I think just using DGE results and selecting genes based on fold-change is not the most appropriate method. Literature search always lead to selection of KNOWN candidates, with very little to discover further. Most of these tools are PPI based and don't really give good guide for selection. It is very difficult to understand why first is first and last is last. Shouldn't there be a method which gives handle like p-value for selection of genes and if possible use all the available information in terms of GO, pathways and interaction?
99% of the time we only care about known and well characterized genes. Few labs want to dedicate the resources needed to characterize little-known genes, they have other goals.
I think that is the core of the problem. I remember there was a paper saying that we are still working on pretty much the same gene set as before the 'genomics' era.
No disagreement there, we need to fund characterization of a broader set of genes, there's a lot of known unknowns out there.
This is the paper you are thinking of: https://academic.oup.com/bioinformatics/article/34/12/2087/4816110
Wasn't this paper https://journals.plos.org/plosbiology/article?id=10.1371/journal.pbio.2006643
Thanks this is hot-hot, just published!!
Yes, just having the results of differential expression is not the best. A differential expression analysis is just a basic and standard analysis, from my perspective. However, I disagree with you that we should be using GO ontologies and pathways because, at least from my perspective, they introduce more noise and confusion into an analysis. This is independently verified in my conversations with numerous researchers. One colleague Professor in London referred to DAVID as 'pseudo-science'.

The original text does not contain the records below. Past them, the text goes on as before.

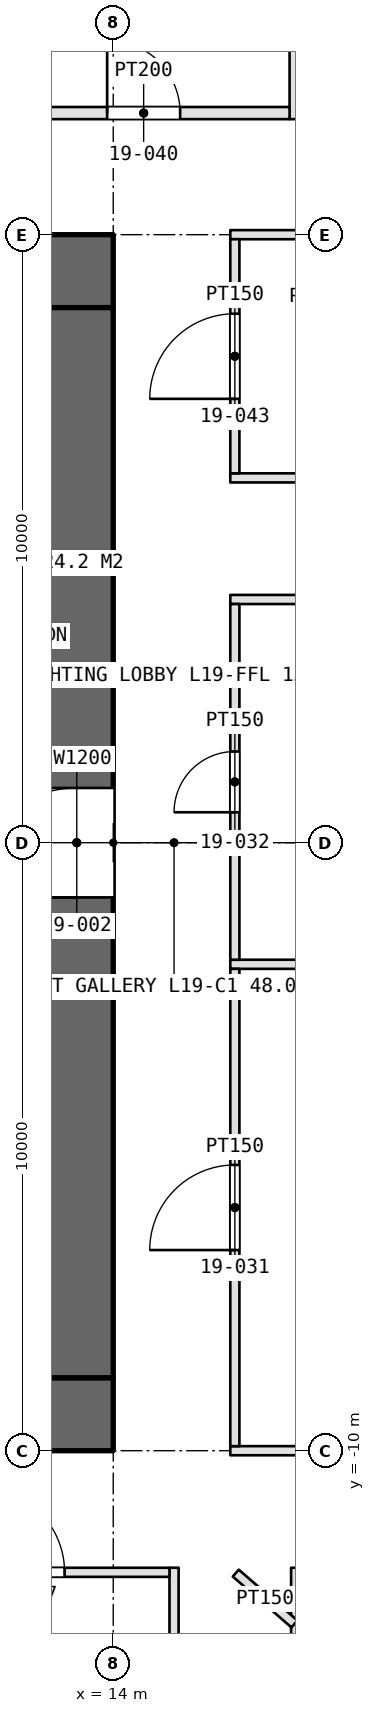
"""IFC4 building model, lengths in metres.
Left out: names, types, materials, properties, quantities, classifications, styles, units other than length and angle.
Written with IfcOpenShell. Run it as: python <this file> out.ifc"""

import sys

from ifc_helpers import new_model, si_unit, direction, frame, frame_2d, origin, place, context, subcontext, project, spatial, rectangle, extrude, element, fill, save


model = new_model("IFC4")
c1 = context("Model", 3, precision=1e-05, world=origin(), true_north=direction((0.0, 1.0)))
c2 = subcontext(c1, "Body", "Model", "MODEL_VIEW")
j1 = project(units=[si_unit("LENGTHUNIT", "METRE"), si_unit("PLANEANGLEUNIT", "RADIAN")], contexts=[c1])
p1 = place(None, origin())
s1 = spatial("IfcSite", under=j1, at=p1, CompositionType="ELEMENT")
p2 = place(p1, origin())
s2 = spatial("IfcBuilding", under=s1, at=p2, CompositionType="ELEMENT")
p3 = place(p2, frame((0.0, 0.0, 95.0)))
s3 = spatial("IfcBuildingStorey", under=s2, at=p3, CompositionType="ELEMENT", Elevation=95.0)
p4 = place(p3, frame((-14.0, -9.4, 0.0), z_axis=(0.0, 0.0, 1.0), x_axis=(1.0, 0.0, 0.0)))
e1 = element("IfcWall", 1, at=p4, inside=s3, PredefinedType="SHEAR", context=c2, shape_type="SweptSolid", body=[
    extrude(rectangle(XDim=28.0, YDim=1.2, at=frame_2d((14.0, 0.0))), origin(), (0.0, 0.0, 1.0), 5.0),
])
p5 = place(p4, frame((13.1, 0.0, 0.0)))
e2 = element("IfcOpeningElement", 2, at=p5, cuts=e1, PredefinedType="OPENING", context=c2, shape_type="SweptSolid", body=[
    extrude(rectangle(XDim=1.8, YDim=2.4, at=frame_2d((0.9, 1.2))), frame((0.0, 0.61, 0.0), z_axis=(0.0, -1.0, 0.0), x_axis=(1.0, 0.0, 0.0)), (0.0, 0.0, 1.0), 1.22),
])
p6 = place(p4, frame((22.9, 0.0, 0.0)))
e3 = element("IfcOpeningElement", 3, at=p6, cuts=e1, PredefinedType="OPENING", context=c2, shape_type="SweptSolid", body=[
    extrude(rectangle(XDim=2.2, YDim=2.7, at=frame_2d((1.1, 1.35))), frame((0.0, 0.61, 0.0), z_axis=(0.0, -1.0, 0.0), x_axis=(1.0, 0.0, 0.0)), (0.0, 0.0, 1.0), 1.22),
])
p7 = place(p3, frame((14.0, 9.4, 0.0), z_axis=(0.0, 0.0, 1.0), x_axis=(-1.0, 0.0, 0.0)))
e4 = element("IfcWall", 4, at=p7, inside=s3, PredefinedType="SHEAR", context=c2, shape_type="SweptSolid", body=[
    extrude(rectangle(XDim=28.0, YDim=1.2, at=frame_2d((14.0, 0.0))), origin(), (0.0, 0.0, 1.0), 5.0),
])
p8 = place(p7, frame((24.0, 0.0, 0.0)))
e5 = element("IfcOpeningElement", 5, at=p8, cuts=e4, PredefinedType="OPENING", context=c2, shape_type="SweptSolid", body=[
    extrude(rectangle(XDim=1.0, YDim=2.4, at=frame_2d((0.5, 1.2))), frame((0.0, 0.61, 0.0), z_axis=(0.0, -1.0, 0.0), x_axis=(1.0, 0.0, 0.0)), (0.0, 0.0, 1.0), 1.22),
])
p9 = place(p7, frame((13.1, 0.0, 0.0)))
e6 = element("IfcOpeningElement", 6, at=p9, cuts=e4, PredefinedType="OPENING", context=c2, shape_type="SweptSolid", body=[
    extrude(rectangle(XDim=1.8, YDim=2.4, at=frame_2d((0.9, 1.2))), frame((0.0, 0.61, 0.0), z_axis=(0.0, -1.0, 0.0), x_axis=(1.0, 0.0, 0.0)), (0.0, 0.0, 1.0), 1.22),
])
p10 = place(p3, frame((13.4, -8.8, 0.0), z_axis=(0.0, 0.0, 1.0), x_axis=(0.0, 1.0, 0.0)))
e7 = element("IfcWall", 7, at=p10, inside=s3, PredefinedType="SHEAR", context=c2, shape_type="SweptSolid", body=[
    extrude(rectangle(XDim=17.6, YDim=1.2, at=frame_2d((8.8, 0.0))), origin(), (0.0, 0.0, 1.0), 5.0),
])
p11 = place(p10, frame((7.9, 0.0, 0.0)))
e8 = element("IfcOpeningElement", 8, at=p11, cuts=e7, PredefinedType="OPENING", context=c2, shape_type="SweptSolid", body=[
    extrude(rectangle(XDim=1.8, YDim=2.4, at=frame_2d((0.9, 1.2))), frame((0.0, 0.61, 0.0), z_axis=(0.0, -1.0, 0.0), x_axis=(1.0, 0.0, 0.0)), (0.0, 0.0, 1.0), 1.22),
])
p12 = place(p3, frame((15.0, -11.925, 0.0), z_axis=(0.0, 0.0, 1.0), x_axis=(0.0, -1.0, 0.0)))
e9 = element("IfcWall", 9, at=p12, inside=s3, PredefinedType="PARTITIONING", context=c2, shape_type="SweptSolid", body=[
    extrude(rectangle(XDim=8.15, YDim=0.15, at=frame_2d((4.075, 0.0))), origin(), (0.0, 0.0, 1.0), 3.6),
])
p13 = place(p3, frame((10.075, -12.0, 0.0), z_axis=(0.0, 0.0, 1.0), x_axis=(1.0, 0.0, 0.0)))
e10 = element("IfcWall", 10, at=p13, inside=s3, PredefinedType="PARTITIONING", context=c2, shape_type="SweptSolid", body=[
    extrude(rectangle(XDim=4.85, YDim=0.15, at=frame_2d((2.425, 0.0))), origin(), (0.0, 0.0, 1.0), 3.6),
])
p14 = place(p13, frame((1.725, 0.0, 0.0)))
e11 = element("IfcOpeningElement", 11, at=p14, cuts=e10, PredefinedType="OPENING", context=c2, shape_type="SweptSolid", body=[
    extrude(rectangle(XDim=1.4, YDim=2.4, at=frame_2d((0.7, 1.2))), frame((0.0, 0.085, 0.0), z_axis=(0.0, -1.0, 0.0), x_axis=(1.0, 0.0, 0.0)), (0.0, 0.0, 1.0), 0.17),
])
for number, where, z_axis, x_axis in (
    (12, (15.925, -10.0, 0.0), (0.0, 0.0, 1.0), (1.0, 0.0, 0.0)),
    (13, (15.925, -2.0, 0.0), (0.0, 0.0, 1.0), (1.0, 0.0, 0.0)),
    (14, (15.925, 4.0, 0.0), (0.0, 0.0, 1.0), (1.0, 0.0, 0.0)),
):
    element("IfcWall", number, at=place(p3, frame(where, z_axis=z_axis, x_axis=x_axis)), inside=s3, PredefinedType="PARTITIONING", context=c2, shape_type="SweptSolid", body=[
        extrude(rectangle(XDim=9.15, YDim=0.15, at=frame_2d((4.575, 0.0))), origin(), (0.0, 0.0, 1.0), 3.6),
    ])
p15 = place(p3, frame((16.0, -9.925, 0.0), z_axis=(0.0, 0.0, 1.0), x_axis=(0.0, 1.0, 0.0)))
e15 = element("IfcWall", 15, at=p15, inside=s3, PredefinedType="PARTITIONING", context=c2, shape_type="SweptSolid", body=[
    extrude(rectangle(XDim=7.85, YDim=0.15, at=frame_2d((3.925, 0.0))), origin(), (0.0, 0.0, 1.0), 3.6),
])
p16 = place(p15, frame((3.225, 0.0, 0.0)))
e16 = element("IfcOpeningElement", 16, at=p16, cuts=e15, PredefinedType="OPENING", context=c2, shape_type="SweptSolid", body=[
    extrude(rectangle(XDim=1.4, YDim=2.4, at=frame_2d((0.7, 1.2))), frame((0.0, 0.085, 0.0), z_axis=(0.0, -1.0, 0.0), x_axis=(1.0, 0.0, 0.0)), (0.0, 0.0, 1.0), 0.17),
])
p17 = place(p3, frame((16.0, -1.925, 0.0), z_axis=(0.0, 0.0, 1.0), x_axis=(0.0, 1.0, 0.0)))
e17 = element("IfcWall", 17, at=p17, inside=s3, PredefinedType="PARTITIONING", context=c2, shape_type="SweptSolid", body=[
    extrude(rectangle(XDim=5.85, YDim=0.15, at=frame_2d((2.925, 0.0))), origin(), (0.0, 0.0, 1.0), 3.6),
])
p18 = place(p17, frame((2.425, 0.0, 0.0)))
e18 = element("IfcOpeningElement", 18, at=p18, cuts=e17, PredefinedType="OPENING", context=c2, shape_type="SweptSolid", body=[
    extrude(rectangle(XDim=1.0, YDim=2.2, at=frame_2d((0.5, 1.1))), frame((0.0, 0.085, 0.0), z_axis=(0.0, -1.0, 0.0), x_axis=(1.0, 0.0, 0.0)), (0.0, 0.0, 1.0), 0.17),
])
p19 = place(p3, frame((17.0, 11.9, 0.0), z_axis=(0.0, 0.0, 1.0), x_axis=(0.0, 1.0, 0.0)))
e19 = element("IfcWall", 19, at=p19, inside=s3, PredefinedType="PARTITIONING", context=c2, shape_type="SweptSolid", body=[
    extrude(rectangle(XDim=5.2, YDim=0.2, at=frame_2d((2.6, 0.0))), origin(), (0.0, 0.0, 1.0), 3.6),
])
p20 = place(p3, frame((12.1, 12.0, 0.0), z_axis=(0.0, 0.0, 1.0), x_axis=(1.0, 0.0, 0.0)))
e20 = element("IfcWall", 20, at=p20, inside=s3, PredefinedType="PARTITIONING", context=c2, shape_type="SweptSolid", body=[
    extrude(rectangle(XDim=4.8, YDim=0.2, at=frame_2d((2.4, 0.0))), origin(), (0.0, 0.0, 1.0), 3.6),
])
p21 = place(p20, frame((1.8, 0.0, 0.0)))
e21 = element("IfcOpeningElement", 21, at=p21, cuts=e20, PredefinedType="OPENING", context=c2, shape_type="SweptSolid", body=[
    extrude(rectangle(XDim=1.2, YDim=2.4, at=frame_2d((0.6, 1.2))), frame((0.0, 0.11, 0.0), z_axis=(0.0, -1.0, 0.0), x_axis=(1.0, 0.0, 0.0)), (0.0, 0.0, 1.0), 0.22),
])
for number, where, z_axis, x_axis in (
    (22, (17.0, -11.925, 0.0), (0.0, 0.0, 1.0), (0.0, -1.0, 0.0)),
    (23, (15.925, 6.0, 0.0), (0.0, 0.0, 1.0), (1.0, 0.0, 0.0)),
    (24, (15.925, 10.0, 0.0), (0.0, 0.0, 1.0), (1.0, 0.0, 0.0)),
):
    element("IfcWall", number, at=place(p3, frame(where, z_axis=z_axis, x_axis=x_axis)), inside=s3, PredefinedType="PARTITIONING", context=c2, shape_type="SweptSolid", body=[
        extrude(rectangle(XDim=5.15, YDim=0.15, at=frame_2d((2.575, 0.0))), origin(), (0.0, 0.0, 1.0), 3.6),
    ])
p22 = place(p3, frame((16.0, 6.075, 0.0), z_axis=(0.0, 0.0, 1.0), x_axis=(0.0, 1.0, 0.0)))
e25 = element("IfcWall", 25, at=p22, inside=s3, PredefinedType="PARTITIONING", context=c2, shape_type="SweptSolid", body=[
    extrude(rectangle(XDim=3.85, YDim=0.15, at=frame_2d((1.925, 0.0))), origin(), (0.0, 0.0, 1.0), 3.6),
])
p23 = place(p22, frame((1.225, 0.0, 0.0)))
e26 = element("IfcOpeningElement", 26, at=p23, cuts=e25, PredefinedType="OPENING", context=c2, shape_type="SweptSolid", body=[
    extrude(rectangle(XDim=1.4, YDim=2.4, at=frame_2d((0.7, 1.2))), frame((0.0, 0.085, 0.0), z_axis=(0.0, -1.0, 0.0), x_axis=(1.0, 0.0, 0.0)), (0.0, 0.0, 1.0), 0.17),
])
p24 = place(p3, frame((16.015, -12.013, 0.0), z_axis=(0.0, 0.0, 1.0), x_axis=(0.755411512729, -0.655250674503, 0.0)))
e27 = element("IfcWall", 27, at=p24, inside=s3, PredefinedType="PARTITIONING", context=c2, shape_type="SweptSolid", body=[
    extrude(rectangle(XDim=1.277, YDim=0.15, at=frame_2d((0.639, 0.0))), origin(), (0.0, 0.0, 1.0), 3.6),
])
p25 = place(p11, origin())
e28 = element("IfcDoor", 28, at=p25, inside=s3, OperationType="DOUBLE_DOOR_SINGLE_SWING", PredefinedType="DOOR", context=c2, shape_type="SweptSolid", body=[
    extrude(rectangle(XDim=1.8, YDim=2.4, at=frame_2d((0.9, 1.2))), frame((0.0, 0.025, 0.0), z_axis=(0.0, -1.0, 0.0), x_axis=(1.0, 0.0, 0.0)), (0.0, 0.0, 1.0), 0.05),
])
fill(e8, e28)
p26 = place(p14, origin())
e29 = element("IfcDoor", 29, at=p26, inside=s3, OperationType="DOUBLE_DOOR_DOUBLE_SWING", PredefinedType="DOOR", context=c2, shape_type="SweptSolid", body=[
    extrude(rectangle(XDim=1.4, YDim=2.4, at=frame_2d((0.7, 1.2))), frame((0.0, 0.025, 0.0), z_axis=(0.0, -1.0, 0.0), x_axis=(1.0, 0.0, 0.0)), (0.0, 0.0, 1.0), 0.05),
])
fill(e11, e29)
p27 = place(p16, origin())
e30 = element("IfcDoor", 30, at=p27, inside=s3, OperationType="DOUBLE_DOOR_DOUBLE_SWING", PredefinedType="DOOR", context=c2, shape_type="SweptSolid", body=[
    extrude(rectangle(XDim=1.4, YDim=2.4, at=frame_2d((0.7, 1.2))), frame((0.0, 0.025, 0.0), z_axis=(0.0, -1.0, 0.0), x_axis=(1.0, 0.0, 0.0)), (0.0, 0.0, 1.0), 0.05),
])
fill(e16, e30)
p28 = place(p18, origin())
e31 = element("IfcDoor", 31, at=p28, inside=s3, OperationType="SINGLE_SWING_LEFT", PredefinedType="DOOR", context=c2, shape_type="SweptSolid", body=[
    extrude(rectangle(XDim=1.0, YDim=2.2, at=frame_2d((0.5, 1.1))), frame((0.0, 0.025, 0.0), z_axis=(0.0, -1.0, 0.0), x_axis=(1.0, 0.0, 0.0)), (0.0, 0.0, 1.0), 0.05),
])
fill(e18, e31)
p29 = place(p21, origin())
e32 = element("IfcDoor", 32, at=p29, inside=s3, OperationType="SINGLE_SWING_LEFT", PredefinedType="DOOR", context=c2, shape_type="SweptSolid", body=[
    extrude(rectangle(XDim=1.2, YDim=2.4, at=frame_2d((0.6, 1.2))), frame((0.0, 0.025, 0.0), z_axis=(0.0, -1.0, 0.0), x_axis=(1.0, 0.0, 0.0)), (0.0, 0.0, 1.0), 0.05),
])
fill(e21, e32)
p30 = place(p23, origin())
e33 = element("IfcDoor", 33, at=p30, inside=s3, OperationType="DOUBLE_DOOR_DOUBLE_SWING", PredefinedType="DOOR", context=c2, shape_type="SweptSolid", body=[
    extrude(rectangle(XDim=1.4, YDim=2.4, at=frame_2d((0.7, 1.2))), frame((0.0, 0.025, 0.0), z_axis=(0.0, -1.0, 0.0), x_axis=(1.0, 0.0, 0.0)), (0.0, 0.0, 1.0), 0.05),
])
fill(e26, e33)
save(model, sys.argv[1])

What comes after a differential expression analysis is follow up studies and predictive model building. I note that a substantial portion of researchers lack the ability to see the positive impact on society of their research (or they just do not think about it because they do not have to); in this way, some research groups have appeared 'directionless' and may aim instead to constantly seek out novel things to do, for publication purposes, as opposed to really aiming to make a difference and conferring a positive impact on society with their research.
'Machine learning' and AI are further algorithms that are chucking further noise into biological data... like bad fashion trends (like those purposefully torn and colour-faded jeans).
I don't think GOs and pathways introduce noise, just that we don't know how to reduce the noise. Non-gene centric classification systems are difficult to interpret and extrapolate to gene level. ML and AI are further atypical science for a 'statistical' biologist.
This comment was meant for the next comment.